Dee & Ameche's son is killed during the war. We flashback to see the story of their young son. Now as it was going along I was annoyed that it concentrated on the father's (Ameche) grief and not the mother's (Dee). But as it went on I got totally engaged in the story and in this young man's life.

 

This movie started so sad for me and wasnt sure if i would really like it, but found myself wanting to see more concerning the reaction and relationship between (Ameche) and (Dee), even thought they seemed to have focused mainly on Ameche's reaction quite a bit more, which i was annoyed with as well. they were so emotional in this movie, especially Ameche, but not like you would think at all. it was sometimes a suttle grief that really fit his personality well, which i was pleased with.

 

I shamefully and sheepishly admit I was disappointed to see Frances Dee looked so matronly, a mother of a young boy.
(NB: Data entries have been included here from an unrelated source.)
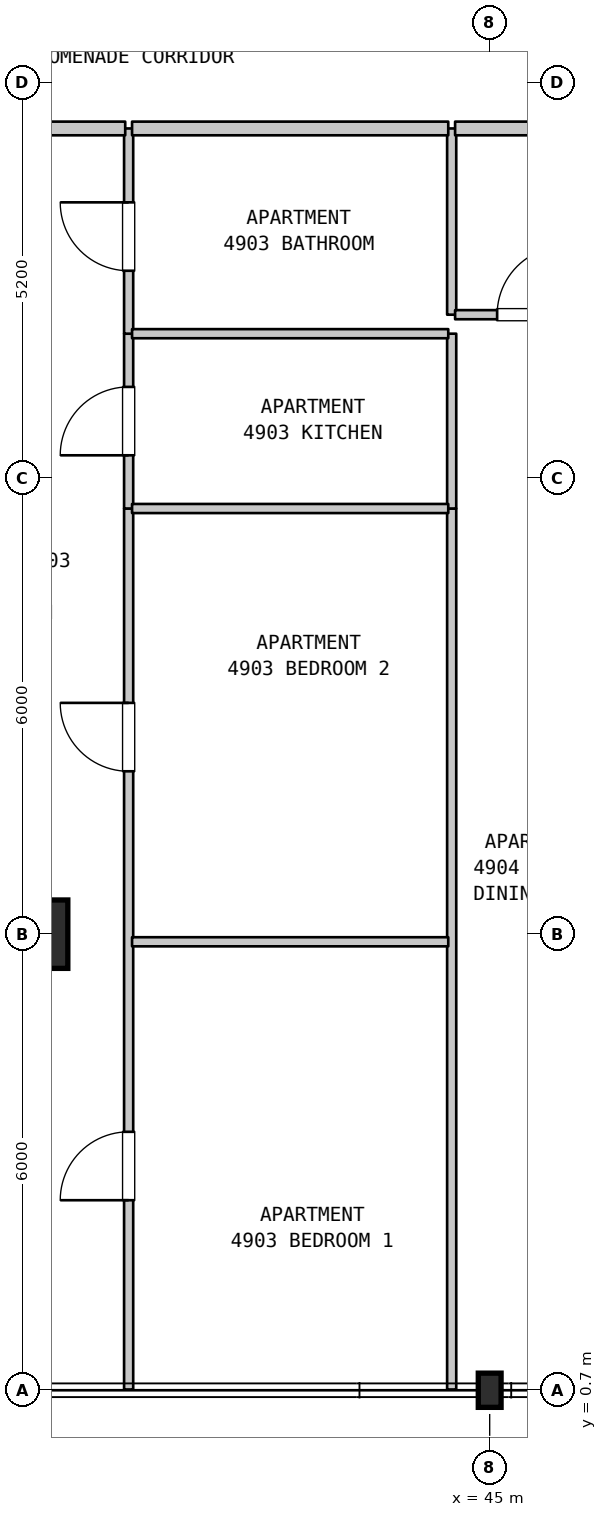
"""IFC4 building model, lengths in metres.
Left out: names, types, materials, properties, quantities, classifications, styles, units other than length and angle.
Written with IfcOpenShell. Run it as: python <this file> out.ifc"""

import sys

from ifc_helpers import new_model, si_unit, direction, frame, frame_2d, origin, origin_2d, place, context, subcontext, project, spatial, rectangle, i_section, extrude, element, fill, save


model = new_model("IFC4")
c1 = context("Model", 3, precision=1e-05, world=origin(), true_north=direction((0.0, 1.0)))
c2 = subcontext(c1, "Body", "Model", "MODEL_VIEW")
j1 = project(units=[si_unit("LENGTHUNIT", "METRE"), si_unit("PLANEANGLEUNIT", "RADIAN")], contexts=[c1])
p1 = place(None, origin())
s1 = spatial("IfcSite", under=j1, at=p1, CompositionType="ELEMENT")
p2 = place(p1, origin())
s2 = spatial("IfcBuilding", under=s1, at=p2, CompositionType="ELEMENT")
p3 = place(p2, frame((0.0, 0.0, 199.5)))
s3 = spatial("IfcBuildingStorey", under=s2, at=p3, CompositionType="ELEMENT", Elevation=199.5)
p4 = place(p3, frame((39.0, 6.7, 0.0), z_axis=(0.0, 0.0, 1.0), x_axis=(1.0, 0.0, 0.0)))
e1 = element("IfcColumn", 1, at=p4, inside=s3, PredefinedType="COLUMN", context=c2, shape_type="SweptSolid", body=[
    extrude(rectangle(XDim=0.9, YDim=0.9, at=origin_2d()), origin(), (0.0, 0.0, 1.0), 3.7),
])
p5 = place(p3, frame((45.0, 0.7, 0.0), z_axis=(0.0, 0.0, 1.0), x_axis=(1.0, 0.0, 0.0)))
e2 = element("IfcColumn", 2, at=p5, inside=s3, PredefinedType="COLUMN", context=c2, shape_type="SweptSolid", body=[
    extrude(i_section(OverallWidth=0.3, OverallDepth=0.45, WebThickness=0.014, FlangeThickness=0.026, FilletRadius=0.027, at=origin_2d()), origin(), (0.0, 0.0, 1.0), 3.7),
])
p6 = place(p3, frame((40.25, 0.71, 0.0), z_axis=(0.0, 0.0, 1.0), x_axis=(0.0, 1.0, 0.0)))
e3 = element("IfcWall", 3, at=p6, inside=s3, PredefinedType="PARTITIONING", context=c2, shape_type="SweptSolid", body=[
    extrude(rectangle(XDim=11.59, YDim=0.12, at=frame_2d((5.795, 0.0))), origin(), (0.0, 0.0, 1.0), 3.39),
])
p7 = place(p6, frame((2.49, 0.0, 0.0)))
e4 = element("IfcOpeningElement", 4, at=p7, cuts=e3, PredefinedType="OPENING", context=c2, shape_type="SweptSolid", body=[
    extrude(rectangle(XDim=0.9, YDim=2.15, at=frame_2d((0.45, 1.075))), frame((0.0, 0.07, 0.0), z_axis=(0.0, -1.0, 0.0), x_axis=(1.0, 0.0, 0.0)), (0.0, 0.0, 1.0), 0.14),
])
p8 = place(p6, frame((8.133, 0.0, 0.0)))
e5 = element("IfcOpeningElement", 5, at=p8, cuts=e3, PredefinedType="OPENING", context=c2, shape_type="SweptSolid", body=[
    extrude(rectangle(XDim=0.9, YDim=2.15, at=frame_2d((0.45, 1.075))), frame((0.0, 0.07, 0.0), z_axis=(0.0, -1.0, 0.0), x_axis=(1.0, 0.0, 0.0)), (0.0, 0.0, 1.0), 0.14),
])
p9 = place(p3, frame((40.25, 12.3, 0.0), z_axis=(0.0, 0.0, 1.0), x_axis=(0.0, 1.0, 0.0)))
e6 = element("IfcWall", 6, at=p9, inside=s3, PredefinedType="PARTITIONING", context=c2, shape_type="SweptSolid", body=[
    extrude(rectangle(XDim=2.3, YDim=0.12, at=frame_2d((1.15, 0.0))), origin(), (0.0, 0.0, 1.0), 3.39),
])
p10 = place(p9, frame((0.7, 0.0, 0.0)))
e7 = element("IfcOpeningElement", 7, at=p10, cuts=e6, PredefinedType="OPENING", context=c2, shape_type="SweptSolid", body=[
    extrude(rectangle(XDim=0.9, YDim=2.15, at=frame_2d((0.45, 1.075))), frame((0.0, 0.07, 0.0), z_axis=(0.0, -1.0, 0.0), x_axis=(1.0, 0.0, 0.0)), (0.0, 0.0, 1.0), 0.14),
])
p11 = place(p3, frame((40.25, 14.6, 0.0), z_axis=(0.0, 0.0, 1.0), x_axis=(0.0, 1.0, 0.0)))
e8 = element("IfcWall", 8, at=p11, inside=s3, PredefinedType="PARTITIONING", context=c2, shape_type="SweptSolid", body=[
    extrude(rectangle(XDim=2.7, YDim=0.12, at=frame_2d((1.35, 0.0))), origin(), (0.0, 0.0, 1.0), 3.39),
])
p12 = place(p11, frame((0.828, 0.0, 0.0)))
e9 = element("IfcOpeningElement", 9, at=p12, cuts=e8, PredefinedType="OPENING", context=c2, shape_type="SweptSolid", body=[
    extrude(rectangle(XDim=0.9, YDim=2.1, at=frame_2d((0.45, 1.05))), frame((0.0, 0.07, 0.0), z_axis=(0.0, -1.0, 0.0), x_axis=(1.0, 0.0, 0.0)), (0.0, 0.0, 1.0), 0.14),
])
p13 = place(p3, frame((44.5, 0.71, 0.0), z_axis=(0.0, 0.0, 1.0), x_axis=(0.0, 1.0, 0.0)))
e10 = element("IfcWall", 10, at=p13, inside=s3, PredefinedType="PARTITIONING", context=c2, shape_type="SweptSolid", body=[
    extrude(rectangle(XDim=11.59, YDim=0.12, at=frame_2d((5.795, 0.0))), origin(), (0.0, 0.0, 1.0), 3.39),
])
p14 = place(p3, frame((44.5, 12.3, 0.0), z_axis=(0.0, 0.0, 1.0), x_axis=(0.0, 1.0, 0.0)))
e11 = element("IfcWall", 11, at=p14, inside=s3, PredefinedType="PARTITIONING", context=c2, shape_type="SweptSolid", body=[
    extrude(rectangle(XDim=2.3, YDim=0.12, at=frame_2d((1.15, 0.0))), origin(), (0.0, 0.0, 1.0), 3.39),
])
p15 = place(p3, frame((44.5, 14.85, 0.0), z_axis=(0.0, 0.0, 1.0), x_axis=(0.0, 1.0, 0.0)))
e12 = element("IfcWall", 12, at=p15, inside=s3, PredefinedType="PARTITIONING", context=c2, shape_type="SweptSolid", body=[
    extrude(rectangle(XDim=2.45, YDim=0.12, at=frame_2d((1.225, 0.0))), origin(), (0.0, 0.0, 1.0), 3.39),
])
p16 = place(p3, frame((40.295, 6.6, 0.0), z_axis=(0.0, 0.0, 1.0), x_axis=(1.0, 0.0, 0.0)))
e13 = element("IfcWall", 13, at=p16, inside=s3, PredefinedType="PARTITIONING", context=c2, shape_type="SweptSolid", body=[
    extrude(rectangle(XDim=4.16, YDim=0.12, at=frame_2d((2.08, 0.0))), origin(), (0.0, 0.0, 1.0), 2.79),
])
for number, where, z_axis, x_axis in (
    (14, (40.295, 12.3, 0.0), (0.0, 0.0, 1.0), (1.0, 0.0, 0.0)),
    (15, (40.295, 14.6, 0.0), (0.0, 0.0, 1.0), (1.0, 0.0, 0.0)),
):
    element("IfcWall", number, at=place(p3, frame(where, z_axis=z_axis, x_axis=x_axis)), inside=s3, PredefinedType="PARTITIONING", context=c2, shape_type="SweptSolid", body=[
        extrude(rectangle(XDim=4.16, YDim=0.12, at=frame_2d((2.08, 0.0))), origin(), (0.0, 0.0, 1.0), 3.39),
    ])
p17 = place(p3, frame((44.545, 14.85, 0.0), z_axis=(0.0, 0.0, 1.0), x_axis=(1.0, 0.0, 0.0)))
e16 = element("IfcWall", 16, at=p17, inside=s3, PredefinedType="PARTITIONING", context=c2, shape_type="SweptSolid", body=[
    extrude(rectangle(XDim=2.16, YDim=0.12, at=frame_2d((1.08, 0.0))), origin(), (0.0, 0.0, 1.0), 3.39),
])
p18 = place(p17, frame((0.553, 0.0, 0.0)))
e17 = element("IfcOpeningElement", 17, at=p18, cuts=e16, PredefinedType="OPENING", context=c2, shape_type="SweptSolid", body=[
    extrude(rectangle(XDim=0.9, YDim=2.15, at=frame_2d((0.45, 1.075))), frame((0.0, 0.07, 0.0), z_axis=(0.0, -1.0, 0.0), x_axis=(1.0, 0.0, 0.0)), (0.0, 0.0, 1.0), 0.14),
])
p19 = place(p3, frame((36.695, 17.3, 0.0), z_axis=(0.0, 0.0, 1.0), x_axis=(1.0, 0.0, 0.0)))
e18 = element("IfcWall", 18, at=p19, inside=s3, PredefinedType="STANDARD", context=c2, shape_type="SweptSolid", body=[
    extrude(rectangle(XDim=3.51, YDim=0.18, at=frame_2d((1.755, 0.0))), origin(), (0.0, 0.0, 1.0), 3.39),
])
p20 = place(p19, frame((1.185, 0.0, 0.0)))
e19 = element("IfcOpeningElement", 19, at=p20, cuts=e18, PredefinedType="OPENING", context=c2, shape_type="SweptSolid", body=[
    extrude(rectangle(XDim=1.0, YDim=2.15, at=frame_2d((0.5, 1.075))), frame((0.0, 0.1, 0.0), z_axis=(0.0, -1.0, 0.0), x_axis=(1.0, 0.0, 0.0)), (0.0, 0.0, 1.0), 0.2),
])
p21 = place(p3, frame((40.295, 17.3, 0.0), z_axis=(0.0, 0.0, 1.0), x_axis=(1.0, 0.0, 0.0)))
e20 = element("IfcWall", 20, at=p21, inside=s3, PredefinedType="STANDARD", context=c2, shape_type="SweptSolid", body=[
    extrude(rectangle(XDim=4.16, YDim=0.18, at=frame_2d((2.08, 0.0))), origin(), (0.0, 0.0, 1.0), 3.39),
])
p22 = place(p3, frame((44.545, 17.3, 0.0), z_axis=(0.0, 0.0, 1.0), x_axis=(1.0, 0.0, 0.0)))
e21 = element("IfcWall", 21, at=p22, inside=s3, PredefinedType="STANDARD", context=c2, shape_type="SweptSolid", body=[
    extrude(rectangle(XDim=4.68, YDim=0.18, at=frame_2d((2.34, 0.0))), origin(), (0.0, 0.0, 1.0), 3.39),
])
p23 = place(p22, frame((1.769, 0.0, 0.0)))
e22 = element("IfcOpeningElement", 22, at=p23, cuts=e21, PredefinedType="OPENING", context=c2, shape_type="SweptSolid", body=[
    extrude(rectangle(XDim=1.0, YDim=2.15, at=frame_2d((0.5, 1.075))), frame((0.0, 0.1, 0.0), z_axis=(0.0, -1.0, 0.0), x_axis=(1.0, 0.0, 0.0)), (0.0, 0.0, 1.0), 0.2),
])
p24 = place(p7, origin())
e23 = element("IfcDoor", 23, at=p24, inside=s3, OperationType="SINGLE_SWING_LEFT", PredefinedType="DOOR", context=c2, shape_type="SweptSolid", body=[
    extrude(rectangle(XDim=0.9, YDim=2.15, at=frame_2d((0.45, 1.075))), frame((0.0, 0.025, 0.0), z_axis=(0.0, -1.0, 0.0), x_axis=(1.0, 0.0, 0.0)), (0.0, 0.0, 1.0), 0.05),
])
fill(e4, e23)
p25 = place(p8, origin())
e24 = element("IfcDoor", 24, at=p25, inside=s3, OperationType="SINGLE_SWING_RIGHT", PredefinedType="DOOR", context=c2, shape_type="SweptSolid", body=[
    extrude(rectangle(XDim=0.9, YDim=2.15, at=frame_2d((0.45, 1.075))), frame((0.0, 0.025, 0.0), z_axis=(0.0, -1.0, 0.0), x_axis=(1.0, 0.0, 0.0)), (0.0, 0.0, 1.0), 0.05),
])
fill(e5, e24)
p26 = place(p10, origin())
e25 = element("IfcDoor", 25, at=p26, inside=s3, OperationType="SINGLE_SWING_LEFT", PredefinedType="DOOR", context=c2, shape_type="SweptSolid", body=[
    extrude(rectangle(XDim=0.9, YDim=2.15, at=frame_2d((0.45, 1.075))), frame((0.0, 0.025, 0.0), z_axis=(0.0, -1.0, 0.0), x_axis=(1.0, 0.0, 0.0)), (0.0, 0.0, 1.0), 0.05),
])
fill(e7, e25)
p27 = place(p12, origin())
e26 = element("IfcDoor", 26, at=p27, inside=s3, OperationType="SINGLE_SWING_RIGHT", PredefinedType="DOOR", context=c2, shape_type="SweptSolid", body=[
    extrude(rectangle(XDim=0.9, YDim=2.1, at=frame_2d((0.45, 1.05))), frame((0.0, 0.025, 0.0), z_axis=(0.0, -1.0, 0.0), x_axis=(1.0, 0.0, 0.0)), (0.0, 0.0, 1.0), 0.05),
])
fill(e9, e26)
p28 = place(p18, origin())
e27 = element("IfcDoor", 27, at=p28, inside=s3, OperationType="SINGLE_SWING_RIGHT", PredefinedType="DOOR", context=c2, shape_type="SweptSolid", body=[
    extrude(rectangle(XDim=0.9, YDim=2.15, at=frame_2d((0.45, 1.075))), frame((0.0, 0.025, 0.0), z_axis=(0.0, -1.0, 0.0), x_axis=(1.0, 0.0, 0.0)), (0.0, 0.0, 1.0), 0.05),
])
fill(e17, e27)
save(model, sys.argv[1])

But in 1943, she did have two young sons during that time. And going waay back in the flashback, they do show her looking like young self. Her performance, a supporting one is quiet & solid; when she's on the screen however brief it is, she's just...gee. She holds your gaze. I gotta tell you there is something about her.

 

why were you so disappointed that they made Frances Dee so matronly. i think its cute in her movies when she is matronly like also in *Because of You* as Loretta Young's good friend. but i do haave to agree with you....every time i see her name in the credits of a movie, i look for her, b/c i always know she will hold my attention. she definitely always give a great performance.